The ends of the multi-pair cables (not shown) are prepared as described in Example 1 and connected to studs (not shown) in the junction box 82 as described in Example 2. The

jumper cables

30, 31 are then installed using a daisy chain method as shown in FIGS. 9 and 10. First, the insulation is stripped from about a one half inch portion 35 of the primary jumper cable 30 in a location that is easily accessible and free of other wires. The spade connector on a secondary jumper 31 for one of the other drops is then cut off and about one-half inch of the insulation is stripped from the end 37. The secondary jumper 31 should be long enough so that it can easily reach the stripped section 35 of the main jumper 30, as shown in FIG. 9.

The secondary jumper 31 is then electrically connected to the primary jumper 30 using any of a variety of methods well known to skilled electrical technicians. In a preferred method shown in FIG. 10, a Blue C-tap 98 and a TBM21E compression tool 99 are used to join the secondary jumper 31 to the primary jumper 30. The dies 99′ on the compression tool 99 are color coded and the blue die is selected on the TBM21E to insure a proper compression fitting 98 is formed. Two compressions are required to secure the Blue C-Tap. In another preferred method, a Fargo style connector is used.

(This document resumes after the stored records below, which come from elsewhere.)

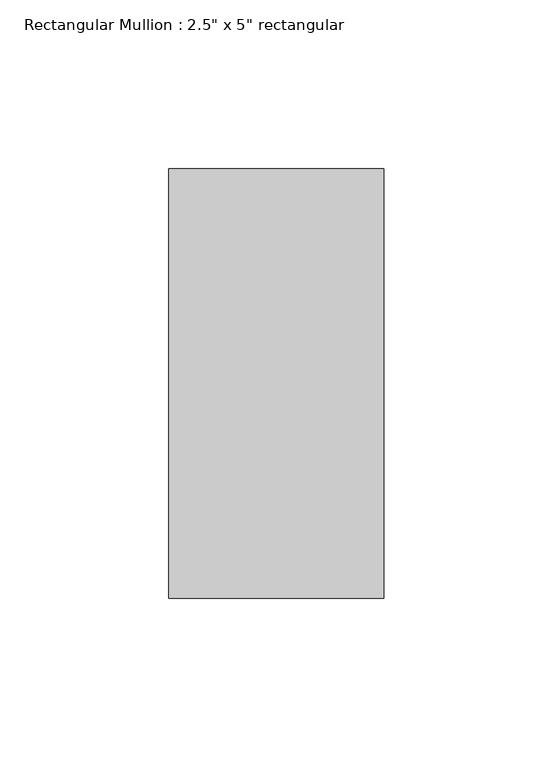
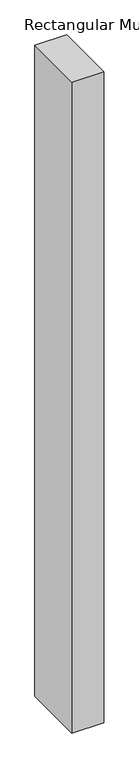
"""IFC4 building model written with IfcOpenShell, lengths in millimetres: member geometry."""

from ifc_helpers import new_model, si_unit, frame, origin, place, context, project, spatial, polyline, outline, extrude, source, transform, mapped, element, save


def member_22948727(model_context):
    return source(origin(), model_context, "Body", "SweptSolid", [
        extrude(outline(polyline([(0.0, 63.5), (0.0, -63.5), (-63.5, -63.5), (-63.5, 63.5), (0.0, 63.5)])), frame((0.0, 0.0, -1367.3666665), z_axis=(0.0, 0.0, 1.0), x_axis=(1.0, 0.0, 0.0)), (0.0, 0.0, 1.0), 1367.3666665),
    ])


if __name__ == "__main__":
    model = new_model("IFC4")
    model_context = context("Model", 3, world=origin())
    ifc_project = project(units=[si_unit("LENGTHUNIT", "METRE", prefix="MILLI")], contexts=[model_context])
    site = spatial("IfcSite", under=ifc_project)
    building = spatial("IfcBuilding", under=site)
    placement = place(None, origin())
    member_shape = member_22948727(model_context)
    element("IfcMember", 1, ObjectType="Rectangular Mullion : 2.5\" x 5\" rectangular", at=placement, inside=building, context=model_context, shape_type="MappedRepresentation", body=[
        mapped(member_shape, transform((0.0, 0.0, 0.0), x_axis=(1.0, 0.0, 0.0), y_axis=(0.0, 1.0, 0.0), z_axis=(0.0, 0.0, 1.0))),
    ])
    save(model, "model.ifc")

# Revit data of these elements
# Type "Rectangular Mullion : 2.5\" x 5\" rectangular"
#   built-in parameter 1007304 = 0.416667 (stored number, unit not read)
#   built-in parameter 1007301 = 0.104167 (stored number, unit not read)
#   built-in parameter 1007300 = 0.104167 (stored number, unit not read)
# Element 1 (IfcMember, "Rectangular Mullion : 2.5\" x 5\" rectangular")
#   Materials on its faces: "Aluminum"
# Materials
#   "Aluminum": class "Metal", colour RGB 247 247 247, transparency 0, Description = "Aluminum 6061", Cost = 0

When the terminal is not protected or does not have a bonding stud, the clamp must be bonded to the best multi neutral ground that is available. In order to provide proper grounding, each end of a drop must have the shield 54 and the RF drain wire 58 bonded to a path to ground.

Thus, while there have been described the preferred embodiments of the present invention, those skilled in the art will realize that other embodiments can be made without departing from the spirit of the invention, and it is intended to include all such further modifications and changes as come within the true scope of the claims set forth herein.

Claims

1. A cable bonding and grounding clamp comprising:

a closed end having a first side and a second side;

a pair of side walls each having a first section connected to a second section by an offset section, wherein one of the first sections extends from the first side of the closed end and the other first section extends from the second side of the closed end, wherein the first and second sections are substantially flat and substantially parallel to each other, and wherein the second sections are offset inwardly from the first sections by the offset sections;

an open end formed by the second sections;

an aperture in at least one of the first sections for viewing a cable positioned between the first sections; and

an opening in each of the second sections.

2. The cable bonding and grounding clamp according to claim 1, further comprising a fastening device that passes through the openings in the substantially flat sections.

3. The cable bonding and grounding clamp according to claim 2, wherein the fastening device comprises a threaded bolt or screw and a nut.

4. The cable bonding and grounding clamp according to claim 2, wherein the fastening device is tightened to secure the cable between the two first sections of the side walls and to electrically contact the two second sections.

5. The cable bonding and grounding clamp according to claim 1, wherein the first sections of the side walls are separated by a first distance and the second sections of the side walls are separated by a second distance, and wherein the first distance is from about 0.25 to about 4 times greater than the second distance.

6. The cable bonding and grounding clamp according to claim 1, wherein each of the first sections has an aperture.

7. The cable bonding and grounding clamp according to claim 1, wherein the openings in the second sections are substantially aligned.

8. The cable bonding and grounding clamp according to claim 1, wherein the first sections of the side walls form a clamp opening therebetween, and wherein a cable having a maximum cross-sectional dimension of up to about 3 inches can pass through the clamp opening.

9. The cable bonding and grounding clamp according to claim 1, wherein the clamp is made from an electrically conductive metal.